The era of near-zero rates of the pandemic is over with the benchmark rate raised by 0.25 percentage points and with several more hikes expected this year. While it may look like not much, if you have a big credit card debt, you may want to pay off that high interest debt before it gets more expensive.
Most credit cards come with variable rates, which means the issuer can change the rate any time. The benchmark rate increase is that "any time". Plus, more rate increases are expected this year, meaning your current credit card rate will become even higher. If you have a habit of paying only a minimum due payment each month, you will end up paying much more in interest with all rate hikes.
Luckily, there are ways to reduce the cost of debt. You can start paying off your debts now before other rate hikes. You can apply for a balance transfer credit card or for a personal loan to consolidate your debt and pay it off at a 0% promotional rate or at a lower interest rate.
If you do not want to open a new credit card, try re-evaluating your budget to see whether you can free up any cash to pay down your credit card debt. You may also want to increase your income, even temporarily.

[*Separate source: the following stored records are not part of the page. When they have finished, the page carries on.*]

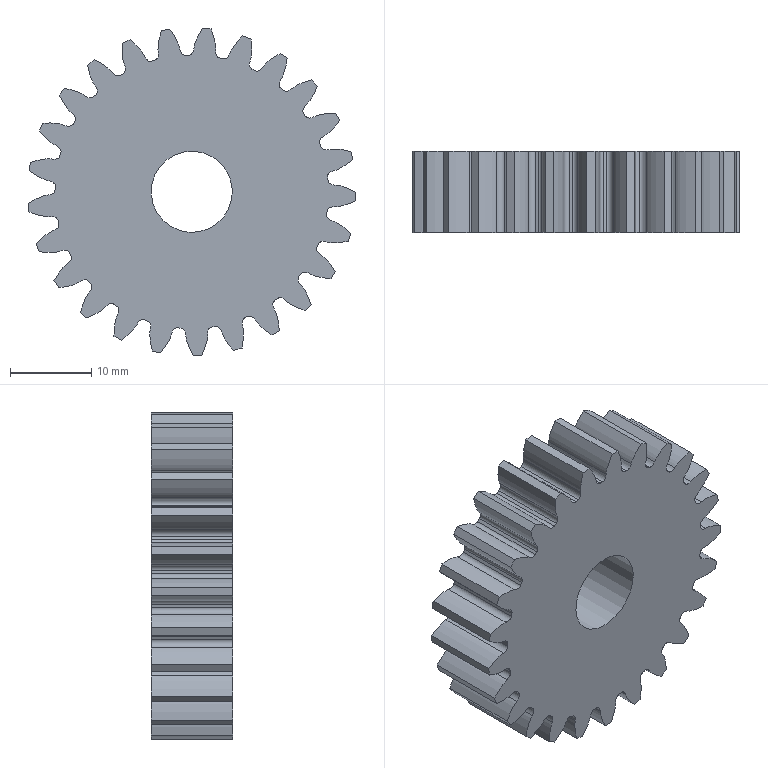Component | NX | JJZ-011 | 1 solid | 153 faces | volume 10066 mm3 | spline 125 | cylinder 26 | plane 2 | commonest cylinder face diameters 33.7 x25 10 x1
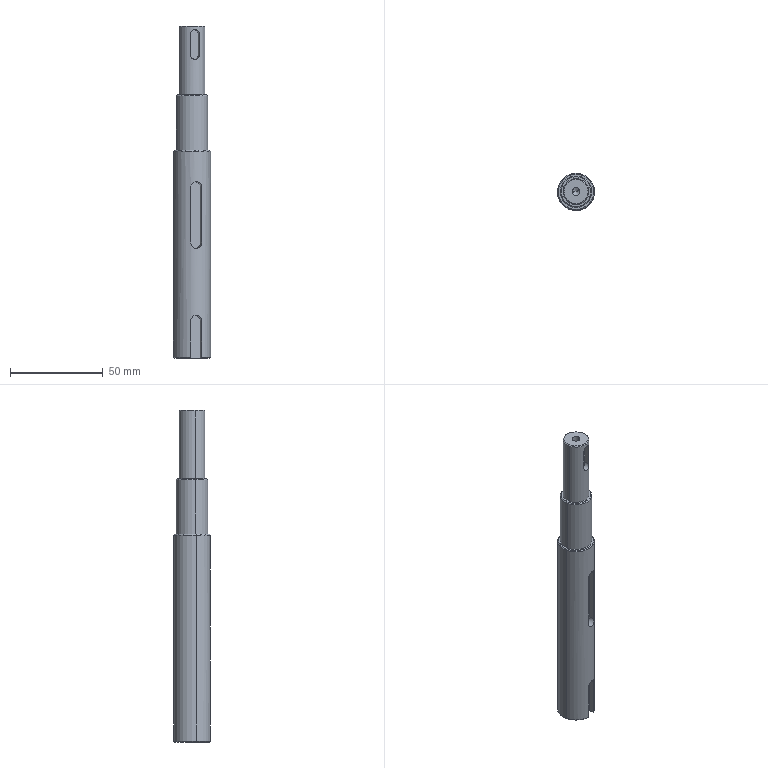Component | SolidWorks | Carrier1ZDG0406-A03-P83-X1-1 | 1 solid | 37 faces | box 20 x 20 x 179 mm | volume 46103 mm3 | cylinder 13 | plane 13 | cone 11 | commonest cylinder face diameters 6 x3 4.2 x2 20 x2 14 x2 17 x2 5 x2 | material Chrome Plated Rod
build123d program:
from build123d import *

# Parameters (mm, degrees)
CHAMFER1_SIZE         = 0.5
M5_TAPPED_HOLE2_D     = 4.2
M5_TAPPED_HOLE2_DEPTH = 14
M5_TAPPED_HOLE2_TIP   = 1.262
SKETCH10_W            = 336.857
SKETCH10_H            = 76.609
CUT_EXTRUDE2_DEPTH    = 50.5
CHAMFER2_SIZE         = 0.5
CUT_EXTRUDE3_DEPTH    = 3.5
KEYSEAT_B5_L15_DEPTH  = 3


with BuildPart() as part:
    # Sketch1_2 → Revolve1 (revolve)
    with BuildSketch(Plane.XY, mode=Mode.PRIVATE) as revolve1_sk:
        Polygon((-134, 10), (226, 10), (226, 8.5), (256, 8.5), (256, 7), (293, 7), (293, 0), (-143, 0), (-143, 8.5), (-134, 8.5), align=None)
    revolve(revolve1_sk.sketch.rotate(Axis((-324.043, 0, 0), (1, 0, 0)), 90), axis=Axis((-324.043, 0, 0), (1, 0, 0)))

    # Chamfer1
    chamfer1_edges = [part.edges().sort_by_distance(p)[0] for p in [
        (256, 0, -8.5),
        (226, 0, -10),
        (-134, 0, -10),
        (-143, 0, -8.5),
        (293, 0, -7),
    ]]
    chamfer(chamfer1_edges, length=CHAMFER1_SIZE)

    # M5 Tapped Hole2
    with Locations(Plane(origin=(293, 1.08, 1.659), x_dir=(0, 0, -1), z_dir=(1, 0, 0))):
        with Locations((1.659, -1.08)):
            Hole(M5_TAPPED_HOLE2_D / 2, depth=M5_TAPPED_HOLE2_DEPTH)
            with Locations((0, 0, -(M5_TAPPED_HOLE2_DEPTH + M5_TAPPED_HOLE2_TIP / 2))):  # 118° drill point
                Cone(0, M5_TAPPED_HOLE2_D / 2, M5_TAPPED_HOLE2_TIP, mode=Mode.SUBTRACT)

    # Sketch10 → Cut-Extrude2 (cut, symmetric)
    with BuildSketch(Plane(origin=(0, 0, 0), x_dir=(1, 0, 0), z_dir=(0, 1, 0))):
        with Locations((-54.429, 3.639)):
            Rectangle(SKETCH10_W, SKETCH10_H)
    extrude(amount=CUT_EXTRUDE2_DEPTH, both=True, mode=Mode.SUBTRACT)

    # Chamfer2
    chamfer2_edges = [part.edges().sort_by_distance(p)[0] for p in [
        (114, 0, -10),
    ]]
    chamfer(chamfer2_edges, length=CHAMFER2_SIZE)

    # Sketch11 → Cut-Extrude3 (cut)
    with BuildSketch(Plane(origin=(0, 10, 0), x_dir=(1, 0, 0), z_dir=(0, 1, 0))):
        with BuildLine():
            Line((176, 3), (206, 3))
            ThreePointArc((206, 3), (209, 0), (206, -3))
            Line((206, -3), (176, -3))
            ThreePointArc((176, -3), (173, 0), (176, 3))
        make_face()
        with BuildLine():
            Line((114, 3), (134, 3))
            ThreePointArc((134, 3), (137, 0), (134, -3))
            Line((134, -3), (114, -3))
            ThreePointArc((114, -3), (111, 0), (114, 3))
        make_face()
    extrude(amount=-CUT_EXTRUDE3_DEPTH, mode=Mode.SUBTRACT)

    # Sketch1 → Keyseat-B5-L15 (cut)
    with BuildSketch(Plane(origin=(0, 7, 0), x_dir=(1, 0, 0), z_dir=(0, 1, 0))):
        with BuildLine():
            Line((277.5, 2.5), (288.5, 2.5))
            ThreePointArc((288.5, 2.5), (291, 0), (288.5, -2.5))
            Line((288.5, -2.5), (277.5, -2.5))
            ThreePointArc((277.5, -2.5), (275, 0), (277.5, 2.5))
        make_face()
    extrude(amount=-KEYSEAT_B5_L15_DEPTH, mode=Mode.SUBTRACT)


solid = part.part

# Placed as in the assembly
solid = solid.moved(Location((-22.5, 0, -241), (-90, 76.275, -90)))

Another rarely used option is to call your lender and ask for lower interest rate. Not many consumers try this, but it can actually work, provided you keep your credit accounts in good standing and do not have recent derogatory marks on your credit reports.
At the worst-case scenario, the federal funds rate may be brought to about 2.25%. That means your current credit card rate may increase by 2%. If the projections are that bad, you might want to act now.